Rollins ramps up New World screwworm protection efforts

Sara Wyant

If you started ranching within the last five decades, it’s unlikely that you’ve seen a case of New World screwworm because the deadly parasite was largely eradicated from the United States in 1966 and has rarely been seen since.

However, cases of NWS in Panama exploded in 2023 from an average of 25 cases reported per year in Panama up to 6,500 in 2024, according to U.S. Department of Agriculture’s Animal Plant Health Inspection Service. Since that time, the parasite spread throughout Central America to Costa Rica, Belize, Nicaragua, Honduras, Guatemala, and El Salvador.

In November, NWS was found in a cow at an inspection checkpoint in the southern Mexican state of Chiapas, near the Guatemalan border—the first positive case in Mexico since the early 1990s. USDA soon shut the Mexican-American border to live animal trade. Since that time, the border reopened, but was shut down on July 9 after new cases were detected in Oaxaca and Veracruz.

The risks associated with a NWS outbreak in the U.S. would be huge, both for ranchers and consumers already dealing with higher beef prices. Texas cattle feeders have typically relied on Mexican animals for about 15% of their supplies.

During the 20th century, the pest was annually responsible for $100 million of damage in the U.S (not inflation-adjusted), according to the Texas Animal Health Commission. The commission estimates that the cost to eradicate NWS from the U.S. today, if it reappeared, would be around $1.27 billion.

Rollins responds

Agriculture Secretary Brooke Rollins recently announced new steps to prevent New World screwworm from reaching the U.S. while acknowledging that beef prices could continue to rise amid the suspension of Mexican cattle imports. 

Speaking at a news conference with Texas Gov.
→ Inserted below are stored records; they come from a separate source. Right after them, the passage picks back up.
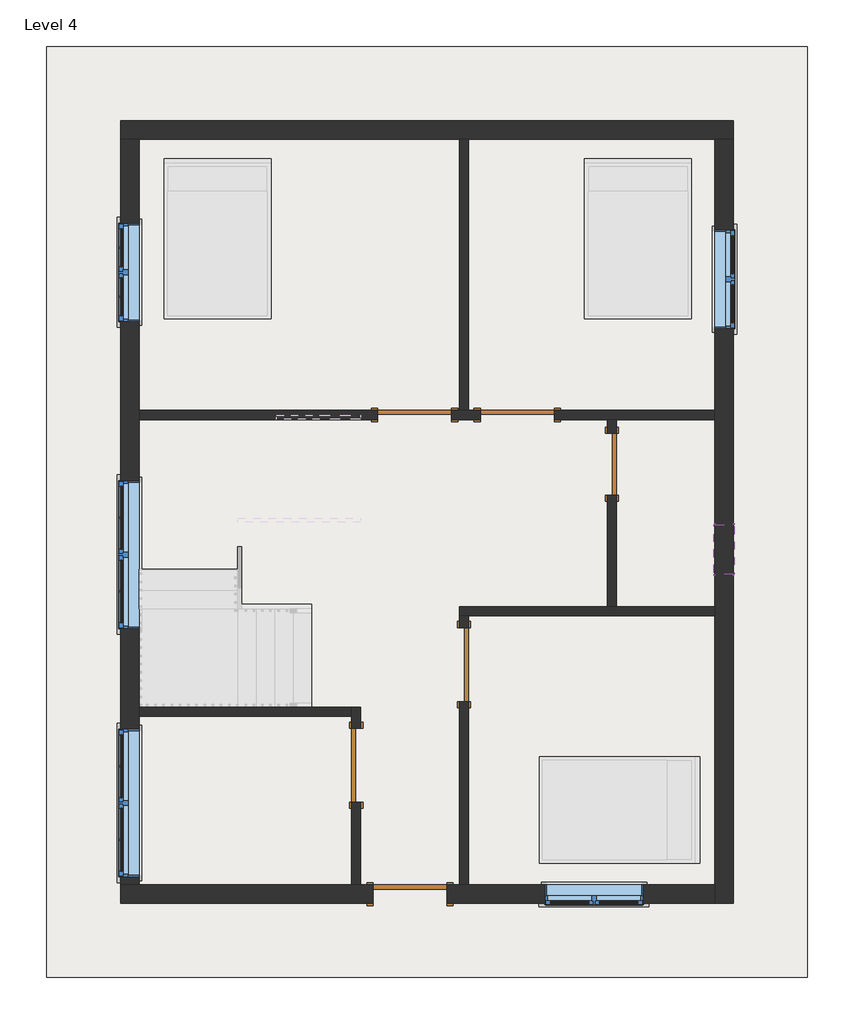
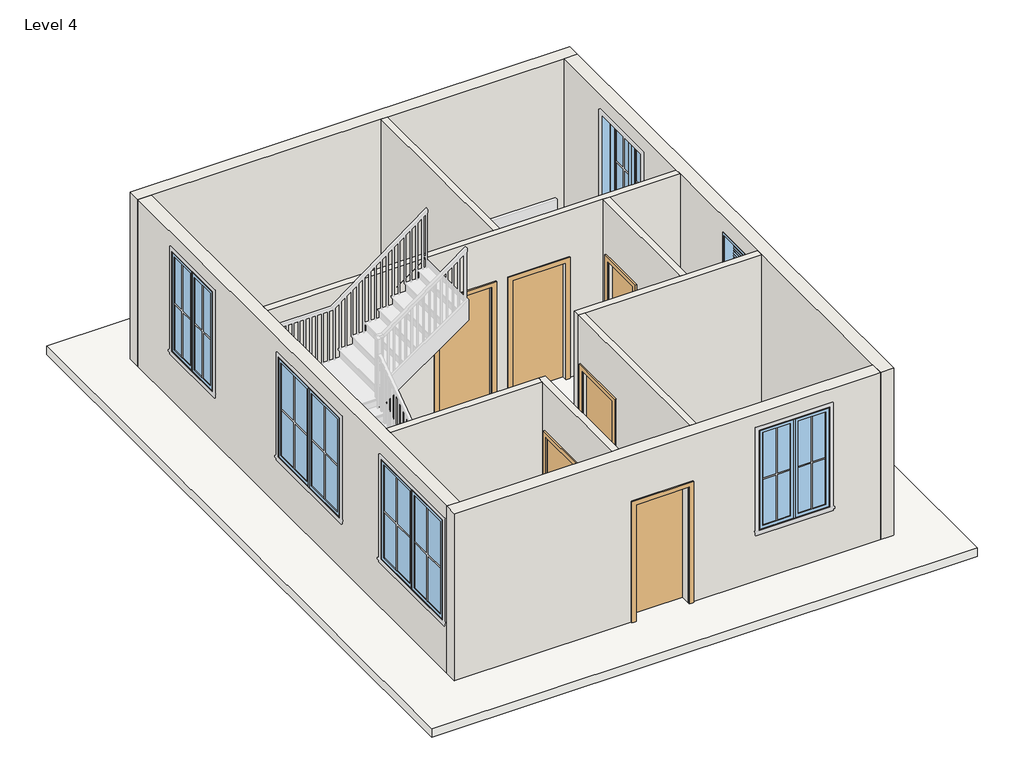
# One storey, part 1 of 3: 11 walls, 6 doors, 6 windows, 1 roof.
"""IFC4 building model written with IfcOpenShell, lengths in millimetres."""

from ifc_helpers import new_model, si_unit, frame, origin, place, context, project, spatial, polyline, outline, extrude, faceted_brep, transform, mapped, element, save
from components import door_f2b275c1, single_flush_door_3_e5f9f3c4, single_flush_door_3_305aa2a5, single_flush_door_3_a90ba1ad, window_casement_double_win_4_6ca1769e, window_casement_double_win_6_ce442eab, window_f2d8fef0

model = new_model("IFC4")

# Units and contexts
model_context = context("Model", 3, world=origin())
ifc_project = project(units=[si_unit("LENGTHUNIT", "METRE", prefix="MILLI")], contexts=[model_context])

# Site, building, storey
site = spatial("IfcSite", under=ifc_project)
building = spatial("IfcBuilding", under=site)
storey = spatial("IfcBuildingStorey", under=building, Name="Level 4", Elevation=9448.8)

# Doors
placement = place(None, origin())
door_shape = door_f2b275c1(model_context)
element("IfcDoor", 1, ObjectType="Single-Flush : 2'6\"", at=placement, inside=storey, context=model_context, shape_type="MappedRepresentation", body=[
    mapped(door_shape, transform((1031.6394609, 262.5126239, 9448.8), x_axis=(0.0, 1.0, 0.0), y_axis=(-1.0, 0.0, 0.0), z_axis=(0.0, 0.0, 1.0))),
])
single_flush_door_3_shape = single_flush_door_3_e5f9f3c4(model_context)
element("IfcDoor", 2, ObjectType="Single-Flush : door 3'", at=placement, inside=storey, context=model_context, shape_type="MappedRepresentation", body=[
    mapped(single_flush_door_3_shape, transform((-1406.7605391, 872.1126239, 9448.8), x_axis=(1.0, 0.0, 0.0), y_axis=(0.0, 1.0, 0.0), z_axis=(0.0, 0.0, 1.0))),
])
element("IfcDoor", 3, ObjectType="Single-Flush : door 3'", at=placement, inside=storey, context=model_context, shape_type="MappedRepresentation", body=[
    mapped(single_flush_door_3_shape, transform((-2130.6605391, -3458.5873761, 9448.8), x_axis=(0.0, 1.0, 0.0), y_axis=(-1.0, 0.0, 0.0), z_axis=(0.0, 0.0, 1.0))),
])
single_flush_door_3_2_shape = single_flush_door_3_305aa2a5(model_context)
element("IfcDoor", 4, ObjectType="Single-Flush : door 3'", at=placement, inside=storey, context=model_context, shape_type="MappedRepresentation", body=[
    mapped(single_flush_door_3_2_shape, transform((-136.7605391, 872.1126239, 9448.8), x_axis=(-1.0, 0.0, 0.0), y_axis=(0.0, -1.0, 0.0), z_axis=(0.0, 0.0, 1.0))),
])
element("IfcDoor", 5, ObjectType="Single-Flush : door 3'", at=placement, inside=storey, context=model_context, shape_type="MappedRepresentation", body=[
    mapped(single_flush_door_3_2_shape, transform((-797.1605391, -2213.9873761, 9448.8), x_axis=(0.0, 1.0, 0.0), y_axis=(-1.0, 0.0, 0.0), z_axis=(0.0, 0.0, 1.0))),
])
single_flush_door_3_3_shape = single_flush_door_3_a90ba1ad(model_context)
element("IfcDoor", 6, ObjectType="Single-Flush : door 3'", at=placement, inside=storey, context=model_context, shape_type="MappedRepresentation", body=[
    mapped(single_flush_door_3_3_shape, transform((-1463.9105391, -5052.4373761, 9448.8), x_axis=(-1.0, 0.0, 0.0), y_axis=(0.0, -1.0, 0.0), z_axis=(0.0, 0.0, 1.0))),
])

# Roof
element("IfcRoof", 7, ObjectType="Generic - 12\"", at=placement, inside=storey, context=model_context, shape_type="SweptSolid", body=[
    extrude(outline(polyline([(-5959.7105391, 5425.0626239), (3450.9894609, 5425.0626239), (3450.9894609, -6081.1373761), (-5959.7105391, -6081.1373761), (-5959.7105391, 5425.0626239)])), frame((0.0, 0.0, 9296.4), z_axis=(0.0, 0.0, 1.0), x_axis=(1.0, 0.0, 0.0)), (0.0, 0.0, 1.0), 152.4),
])

# Walls
element("IfcWall", 8, ObjectType="WALL 4.5\"", at=placement, inside=storey, context=model_context, shape_type="SweptSolid", body=[
    extrude(outline(polyline([(-854.3105391, 929.2626239), (-854.3105391, 4282.0626239), (-740.0105391, 4282.0626239), (-740.0105391, 929.2626239), (-854.3105391, 929.2626239)])), frame((0.0, 0.0, 9448.8), z_axis=(0.0, 0.0, 1.0), x_axis=(1.0, 0.0, 0.0)), (0.0, 0.0, 1.0), 3048.0),
])
element("IfcWall", 9, ObjectType="WALL 4.5\"", at=placement, inside=storey, context=model_context, shape_type="Brep", body=[
    faceted_brep([(-949.5605391, 814.9626239, 9448.8), (-593.9605391, 814.9626239, 9448.8), (-593.9605391, 814.9626239, 11582.4), (320.4394609, 814.9626239, 11582.4), (320.4394609, 814.9626239, 9448.8), (974.4894609, 814.9626239, 9448.8), (1088.7894609, 814.9626239, 9448.8), (2307.9894609, 814.9626239, 9448.8), (2307.9894609, 814.9626239, 12496.8), (1088.7894609, 814.9626239, 12496.8), (974.4894609, 814.9626239, 12496.8), (-4816.7105391, 814.9626239, 12496.8), (-4816.7105391, 814.9626239, 9448.8), (-1863.9605391, 814.9626239, 9448.8), (-1863.9605391, 814.9626239, 11582.4), (-949.5605391, 814.9626239, 11582.4), (-593.9605391, 929.2626239, 11582.4), (-593.9605391, 929.2626239, 9448.8), (-740.0105391, 929.2626239, 9448.8), (-854.3105391, 929.2626239, 9448.8), (-949.5605391, 929.2626239, 9448.8), (-949.5605391, 929.2626239, 11582.4), (-1863.9605391, 929.2626239, 11582.4), (-1863.9605391, 929.2626239, 9448.8), (-4816.7105391, 929.2626239, 9448.8), (-4816.7105391, 929.2626239, 12496.8), (-854.3105391, 929.2626239, 12496.8), (-740.0105391, 929.2626239, 12496.8), (2307.9894609, 929.2626239, 12496.8), (2307.9894609, 929.2626239, 9448.8), (320.4394609, 929.2626239, 9448.8), (320.4394609, 929.2626239, 11582.4)], [[[0, 1, 2, 3, 4, 5, 6, 7, 8, 9, 10, 11, 12, 13, 14, 15]], [[16, 17, 18, 19, 20, 21, 22, 23, 24, 25, 26, 27, 28, 29, 30, 31]], [[13, 12, 24, 23]], [[30, 29, 7, 6, 5, 4]], [[20, 19, 18, 17, 1, 0]], [[8, 7, 29, 28]], [[12, 11, 25, 24]], [[21, 20, 0, 15]], [[22, 21, 15, 14]], [[23, 22, 14, 13]], [[2, 1, 17, 16]], [[3, 2, 16, 31]], [[4, 3, 31, 30]], [[11, 10, 9, 8, 28, 27, 26, 25]]]),
])
element("IfcWall", 10, ObjectType="WALL 4.5\"", at=placement, inside=storey, context=model_context, shape_type="SweptSolid", body=[
    extrude(outline(polyline([(814.9626239, 9448.8), (643.5126239, 9448.8), (643.5126239, 11480.8), (-118.4873761, 11480.8), (-118.4873761, 9448.8), (-1496.4373761, 9448.8), (-1496.4373761, 12496.8), (814.9626239, 12496.8), (814.9626239, 9448.8)])), frame((974.4894609, 0.0, 0.0), z_axis=(1.0, 0.0, 0.0), x_axis=(0.0, 1.0, 0.0)), (0.0, 0.0, 1.0), 114.3),
])
element("IfcWall", 11, ObjectType="WALL 4.5\"", at=placement, inside=storey, context=model_context, shape_type="Brep", body=[
    faceted_brep([(2307.9894609, -1496.4373761, 9448.8), (1088.7894609, -1496.4373761, 9448.8), (974.4894609, -1496.4373761, 9448.8), (-854.3105391, -1496.4373761, 9448.8), (-854.3105391, -1496.4373761, 12496.8), (974.4894609, -1496.4373761, 12496.8), (1088.7894609, -1496.4373761, 12496.8), (2307.9894609, -1496.4373761, 12496.8), (2307.9894609, -1610.7373761, 9448.8), (2307.9894609, -1610.7373761, 12496.8), (-740.0105391, -1610.7373761, 12496.8), (-854.3105391, -1610.7373761, 12496.8), (-854.3105391, -1610.7373761, 9448.8), (-740.0105391, -1610.7373761, 9448.8)], [[[0, 1, 2, 3, 4, 5, 6, 7]], [[8, 9, 10, 11, 12, 13]], [[3, 2, 1, 0, 8, 13, 12]], [[0, 7, 9, 8]], [[4, 3, 12, 11]], [[7, 6, 5, 4, 11, 10, 9]]]),
])
element("IfcWall", 12, ObjectType="WALL 4.5\"", at=placement, inside=storey, context=model_context, shape_type="SweptSolid", body=[
    extrude(outline(polyline([(-1610.7373761, 9448.8), (-1756.7873761, 9448.8), (-1756.7873761, 11582.4), (-2671.1873761, 11582.4), (-2671.1873761, 9448.8), (-4938.1373761, 9448.8), (-4938.1373761, 12496.8), (-1610.7373761, 12496.8), (-1610.7373761, 9448.8)])), frame((-854.3105391, 0.0, 0.0), z_axis=(1.0, 0.0, 0.0), x_axis=(0.0, 1.0, 0.0)), (0.0, 0.0, 1.0), 114.3),
])
element("IfcWall", 13, ObjectType="WALL 4.5\"", at=placement, inside=storey, context=model_context, shape_type="Brep", body=[
    faceted_brep([(-2073.5105391, -3001.3873761, 11582.4), (-2073.5105391, -3001.3873761, 9448.8), (-2073.5105391, -2741.0373761, 9448.8), (-2073.5105391, -2741.0373761, 12496.8), (-2073.5105391, -4938.1373761, 12496.8), (-2073.5105391, -4938.1373761, 9448.8), (-2073.5105391, -3915.7873761, 9448.8), (-2073.5105391, -3915.7873761, 11582.4), (-2187.8105391, -2741.0373761, 9448.8), (-2187.8105391, -2855.3373761, 9448.8), (-2187.8105391, -3001.3873761, 9448.8), (-2187.8105391, -3001.3873761, 11582.4), (-2187.8105391, -3915.7873761, 11582.4), (-2187.8105391, -3915.7873761, 9448.8), (-2187.8105391, -4938.1373761, 9448.8), (-2187.8105391, -4938.1373761, 12496.8), (-2187.8105391, -2855.3373761, 12496.8), (-2187.8105391, -2741.0373761, 12496.8)], [[[0, 1, 2, 3, 4, 5, 6, 7]], [[8, 9, 10, 11, 12, 13, 14, 15, 16, 17]], [[6, 5, 14, 13]], [[2, 1, 10, 9, 8]], [[5, 4, 15, 14]], [[3, 2, 8, 17]], [[11, 10, 1, 0]], [[12, 11, 0, 7]], [[13, 12, 7, 6]], [[4, 3, 17, 16, 15]]]),
])
element("IfcWall", 14, ObjectType="WALL 4.5\"", at=placement, inside=storey, context=model_context, shape_type="SweptSolid", body=[
    extrude(outline(polyline([(-4816.7105391, -2741.0373761), (-2187.8105391, -2741.0373761), (-2187.8105391, -2855.3373761), (-4816.7105391, -2855.3373761), (-4816.7105391, -2741.0373761)])), frame((0.0, 0.0, 9448.8), z_axis=(0.0, 0.0, 1.0), x_axis=(1.0, 0.0, 0.0)), (0.0, 0.0, 1.0), 3048.0),
])
element("IfcWall", 15, ObjectType="WALL 9\"", at=placement, inside=storey, context=model_context, shape_type="Brep", body=[
    faceted_brep([(-5045.3105391, 4282.0626239, 9448.8), (-4816.7105391, 4282.0626239, 9448.8), (-854.3105391, 4282.0626239, 9448.8), (-740.0105391, 4282.0626239, 9448.8), (2307.9894609, 4282.0626239, 9448.8), (2536.5894609, 4282.0626239, 9448.8), (2536.5894609, 4282.0626239, 12496.8), (2307.9894609, 4282.0626239, 12496.8), (-740.0105391, 4282.0626239, 12496.8), (-854.3105391, 4282.0626239, 12496.8), (-4816.7105391, 4282.0626239, 12496.8), (-5045.3105391, 4282.0626239, 12496.8), (-5045.3105391, 4510.6626239, 9448.8), (-5045.3105391, 4510.6626239, 12496.8), (2536.5894609, 4510.6626239, 12496.8), (2536.5894609, 4510.6626239, 9448.8)], [[[0, 1, 2, 3, 4, 5, 6, 7, 8, 9, 10, 11]], [[12, 13, 14, 15]], [[5, 4, 3, 2, 1, 0, 12, 15]], [[6, 5, 15, 14]], [[0, 11, 13, 12]], [[11, 10, 9, 8, 7, 6, 14, 13]]]),
])
element("IfcWall", 16, ObjectType="WALL 9\"", at=placement, inside=storey, context=model_context, shape_type="Brep", body=[
    faceted_brep([(2307.9894609, 4282.0626239, 9448.8), (2307.9894609, 929.2626239, 9448.8), (2307.9894609, 814.9626239, 9448.8), (2307.9894609, -1496.4373761, 9448.8), (2307.9894609, -1610.7373761, 9448.8), (2307.9894609, -4938.1373761, 9448.8), (2307.9894609, -5166.7373761, 9448.8), (2307.9894609, -5166.7373761, 12496.8), (2307.9894609, -4938.1373761, 12496.8), (2307.9894609, -1610.7373761, 12496.8), (2307.9894609, -1496.4373761, 12496.8), (2307.9894609, 814.9626239, 12496.8), (2307.9894609, 929.2626239, 12496.8), (2307.9894609, 4282.0626239, 12496.8), (2307.9894609, 1938.9126239, 12192.0), (2307.9894609, 1938.9126239, 10363.2), (2307.9894609, 3158.1126239, 10363.2), (2307.9894609, 3158.1126239, 12192.0), (2307.9894609, -486.7873761, 12192.0), (2307.9894609, -1096.3873761, 12192.0), (2307.9894609, -1096.3873761, 11582.4), (2307.9894609, -486.7873761, 11582.4), (2536.5894609, 4282.0626239, 9448.8), (2536.5894609, 4282.0626239, 12496.8), (2536.5894609, -5166.7373761, 12496.8), (2536.5894609, -5166.7373761, 9448.8), (2536.5894609, 1938.9126239, 12192.0), (2536.5894609, 3158.1126239, 12192.0), (2536.5894609, 3158.1126239, 10363.2), (2536.5894609, 1938.9126239, 10363.2), (2536.5894609, -486.7873761, 12192.0), (2536.5894609, -486.7873761, 11582.4), (2536.5894609, -1096.3873761, 11582.4), (2536.5894609, -1096.3873761, 12192.0)], [[[0, 1, 2, 3, 4, 5, 6, 7, 8, 9, 10, 11, 12, 13], [14, 15, 16, 17], [18, 19, 20, 21]], [[22, 23, 24, 25], [26, 27, 28, 29], [30, 31, 32, 33]], [[6, 5, 4, 3, 2, 1, 0, 22, 25]], [[0, 13, 23, 22]], [[7, 6, 25, 24]], [[15, 14, 26, 29]], [[16, 15, 29, 28]], [[17, 16, 28, 27]], [[14, 17, 27, 26]], [[31, 30, 18, 21]], [[32, 31, 21, 20]], [[33, 32, 20, 19]], [[30, 33, 19, 18]], [[13, 12, 11, 10, 9, 8, 7, 24, 23]]]),
])
element("IfcWall", 17, ObjectType="WALL 9\"", at=placement, inside=storey, context=model_context, shape_type="Brep", body=[
    faceted_brep([(-1921.1105391, -4938.1373761, 11582.4), (-1921.1105391, -4938.1373761, 9448.8), (-2073.5105391, -4938.1373761, 9448.8), (-2187.8105391, -4938.1373761, 9448.8), (-4816.7105391, -4938.1373761, 9448.8), (-5045.3105391, -4938.1373761, 9448.8), (-5045.3105391, -4938.1373761, 12496.8), (-4816.7105391, -4938.1373761, 12496.8), (-2187.8105391, -4938.1373761, 12496.8), (-2073.5105391, -4938.1373761, 12496.8), (-854.3105391, -4938.1373761, 12496.8), (-740.0105391, -4938.1373761, 12496.8), (2307.9894609, -4938.1373761, 12496.8), (2307.9894609, -4938.1373761, 9448.8), (-740.0105391, -4938.1373761, 9448.8), (-854.3105391, -4938.1373761, 9448.8), (-1006.7105391, -4938.1373761, 9448.8), (-1006.7105391, -4938.1373761, 11582.4), (202.9644609, -4938.1373761, 12192.0), (202.9644609, -4938.1373761, 10363.2), (1422.1644609, -4938.1373761, 10363.2), (1422.1644609, -4938.1373761, 12192.0), (-5045.3105391, -5166.7373761, 9448.8), (-1921.1105391, -5166.7373761, 9448.8), (-1921.1105391, -5166.7373761, 11582.4), (-1006.7105391, -5166.7373761, 11582.4), (-1006.7105391, -5166.7373761, 9448.8), (2307.9894609, -5166.7373761, 9448.8), (2307.9894609, -5166.7373761, 12496.8), (-5045.3105391, -5166.7373761, 12496.8), (202.9644609, -5166.7373761, 12192.0), (1422.1644609, -5166.7373761, 12192.0), (1422.1644609, -5166.7373761, 10363.2), (202.9644609, -5166.7373761, 10363.2)], [[[0, 1, 2, 3, 4, 5, 6, 7, 8, 9, 10, 11, 12, 13, 14, 15, 16, 17], [18, 19, 20, 21]], [[22, 23, 24, 25, 26, 27, 28, 29], [30, 31, 32, 33]], [[5, 4, 3, 2, 1, 23, 22]], [[16, 15, 14, 13, 27, 26]], [[13, 12, 28, 27]], [[6, 5, 22, 29]], [[19, 18, 30, 33]], [[20, 19, 33, 32]], [[21, 20, 32, 31]], [[18, 21, 31, 30]], [[24, 23, 1, 0]], [[25, 24, 0, 17]], [[26, 25, 17, 16]], [[12, 11, 10, 9, 8, 7, 6, 29, 28]]]),
])
element("IfcWall", 18, ObjectType="WALL 9\"", at=placement, inside=storey, context=model_context, shape_type="Brep", body=[
    faceted_brep([(-4816.7105391, -4938.1373761, 9448.8), (-4816.7105391, -2855.3373761, 9448.8), (-4816.7105391, -2741.0373761, 9448.8), (-4816.7105391, 814.9626239, 9448.8), (-4816.7105391, 929.2626239, 9448.8), (-4816.7105391, 4282.0626239, 9448.8), (-4816.7105391, 4282.0626239, 12496.8), (-4816.7105391, 929.2626239, 12496.8), (-4816.7105391, 814.9626239, 12496.8), (-4816.7105391, -2741.0373761, 12496.8), (-4816.7105391, -2855.3373761, 12496.8), (-4816.7105391, -4938.1373761, 12496.8), (-4816.7105391, -3010.9123761, 12192.0), (-4816.7105391, -3010.9123761, 10363.2), (-4816.7105391, -4839.7123761, 10363.2), (-4816.7105391, -4839.7123761, 12192.0), (-4816.7105391, 59.3126239, 12192.0), (-4816.7105391, 59.3126239, 10363.2), (-4816.7105391, -1769.4873761, 10363.2), (-4816.7105391, -1769.4873761, 12192.0), (-4816.7105391, 3243.8376239, 12192.0), (-4816.7105391, 3243.8376239, 10363.2), (-4816.7105391, 2024.6376239, 10363.2), (-4816.7105391, 2024.6376239, 12192.0), (-5045.3105391, -4938.1373761, 9448.8), (-5045.3105391, -4938.1373761, 12496.8), (-5045.3105391, 4282.0626239, 12496.8), (-5045.3105391, 4282.0626239, 9448.8), (-5045.3105391, -3010.9123761, 12192.0), (-5045.3105391, -4839.7123761, 12192.0), (-5045.3105391, -4839.7123761, 10363.2), (-5045.3105391, -3010.9123761, 10363.2), (-5045.3105391, 59.3126239, 12192.0), (-5045.3105391, -1769.4873761, 12192.0), (-5045.3105391, -1769.4873761, 10363.2), (-5045.3105391, 59.3126239, 10363.2), (-5045.3105391, 3243.8376239, 12192.0), (-5045.3105391, 2024.6376239, 12192.0), (-5045.3105391, 2024.6376239, 10363.2), (-5045.3105391, 3243.8376239, 10363.2)], [[[0, 1, 2, 3, 4, 5, 6, 7, 8, 9, 10, 11], [12, 13, 14, 15], [16, 17, 18, 19], [20, 21, 22, 23]], [[24, 25, 26, 27], [28, 29, 30, 31], [32, 33, 34, 35], [36, 37, 38, 39]], [[5, 4, 3, 2, 1, 0, 24, 27]], [[6, 5, 27, 26]], [[0, 11, 25, 24]], [[13, 12, 28, 31]], [[14, 13, 31, 30]], [[15, 14, 30, 29]], [[12, 15, 29, 28]], [[17, 16, 32, 35]], [[18, 17, 35, 34]], [[19, 18, 34, 33]], [[16, 19, 33, 32]], [[21, 20, 36, 39]], [[22, 21, 39, 38]], [[23, 22, 38, 37]], [[20, 23, 37, 36]], [[11, 10, 9, 8, 7, 6, 26, 25]]]),
])

# Windows
window_casement_double_win_4_shape = window_casement_double_win_4_6ca1769e(model_context)
element("IfcWindow", 19, ObjectType="Window-Casement-Double : win 4'", at=placement, inside=storey, context=model_context, shape_type="MappedRepresentation", body=[
    mapped(window_casement_double_win_4_shape, transform((812.5644609, -5052.4373761, 9448.8), x_axis=(-1.0, 0.0, 0.0), y_axis=(0.0, -1.0, 0.0), z_axis=(0.0, 0.0, 1.0))),
])
element("IfcWindow", 20, ObjectType="Window-Casement-Double : win 4'", at=placement, inside=storey, context=model_context, shape_type="MappedRepresentation", body=[
    mapped(window_casement_double_win_4_shape, transform((2422.2894609, 2548.5126239, 9448.8), x_axis=(0.0, -1.0, 0.0), y_axis=(1.0, 0.0, 0.0), z_axis=(0.0, 0.0, 1.0))),
])
element("IfcWindow", 21, ObjectType="Window-Casement-Double : win 4'", at=placement, inside=storey, context=model_context, shape_type="MappedRepresentation", body=[
    mapped(window_casement_double_win_4_shape, transform((-4931.0105391, 2634.2376239, 9448.8), x_axis=(0.0, 1.0, 0.0), y_axis=(-1.0, 0.0, 0.0), z_axis=(0.0, 0.0, 1.0))),
])
window_casement_double_win_6_shape = window_casement_double_win_6_ce442eab(model_context)
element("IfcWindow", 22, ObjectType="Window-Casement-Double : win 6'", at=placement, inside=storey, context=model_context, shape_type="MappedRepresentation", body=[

Greg Abbott, Rollins said the border wouldn’t be reopened until she received assurances that the outbreak of the flesh-eating pest in Mexico is under control.

“We’ve got a lot of work to do, but we have to protect our cattle industry and our beef industry in this country, and in so doing protect our food supply, and in so doing protect our national security for America,” Rollins said.

“Do we expect beef prices to continue to rise, perhaps, but the safety and the security of our beef and our ranchers has to be at the top of the list.”

Beef prices rose 1.5% in July alone and are up 11.3% since July 2024 amid tight U.S. beef supplies.

She said the pest “endangers our livestock industry, and it threatens the stability of beef prices for consumers across America.”

Sterilization is key tactic

In past decades, eradication of the NWS was made possible by breakthroughs at the Agricultural Research Service, when scientists discovered how to sterilize male flies using radiation in the first half of the 20th century. Because female screwworms mate only once in their lives, this presented an opportunity to disrupt the life cycles of the flies and eliminate them from areas where they’d been wreaking havoc for years.

Rollins’ latest steps for combatting the pest include spending up to $750 million on a new facility for producing sterile flies in Edinburg, Texas, on the Mexican border. The facility is supposed to produce up to 300 million flies per week.

In June, Rollins announced plans to open a new sterile fly dispersal facility at an inactive Air Force base in south Texas near Edinburg. That $8.5 million facility, located about 20 miles from the U.S.-Mexico border, will be completed in 2025 and have the capability to disperse flies in northern Mexico, according to USDA.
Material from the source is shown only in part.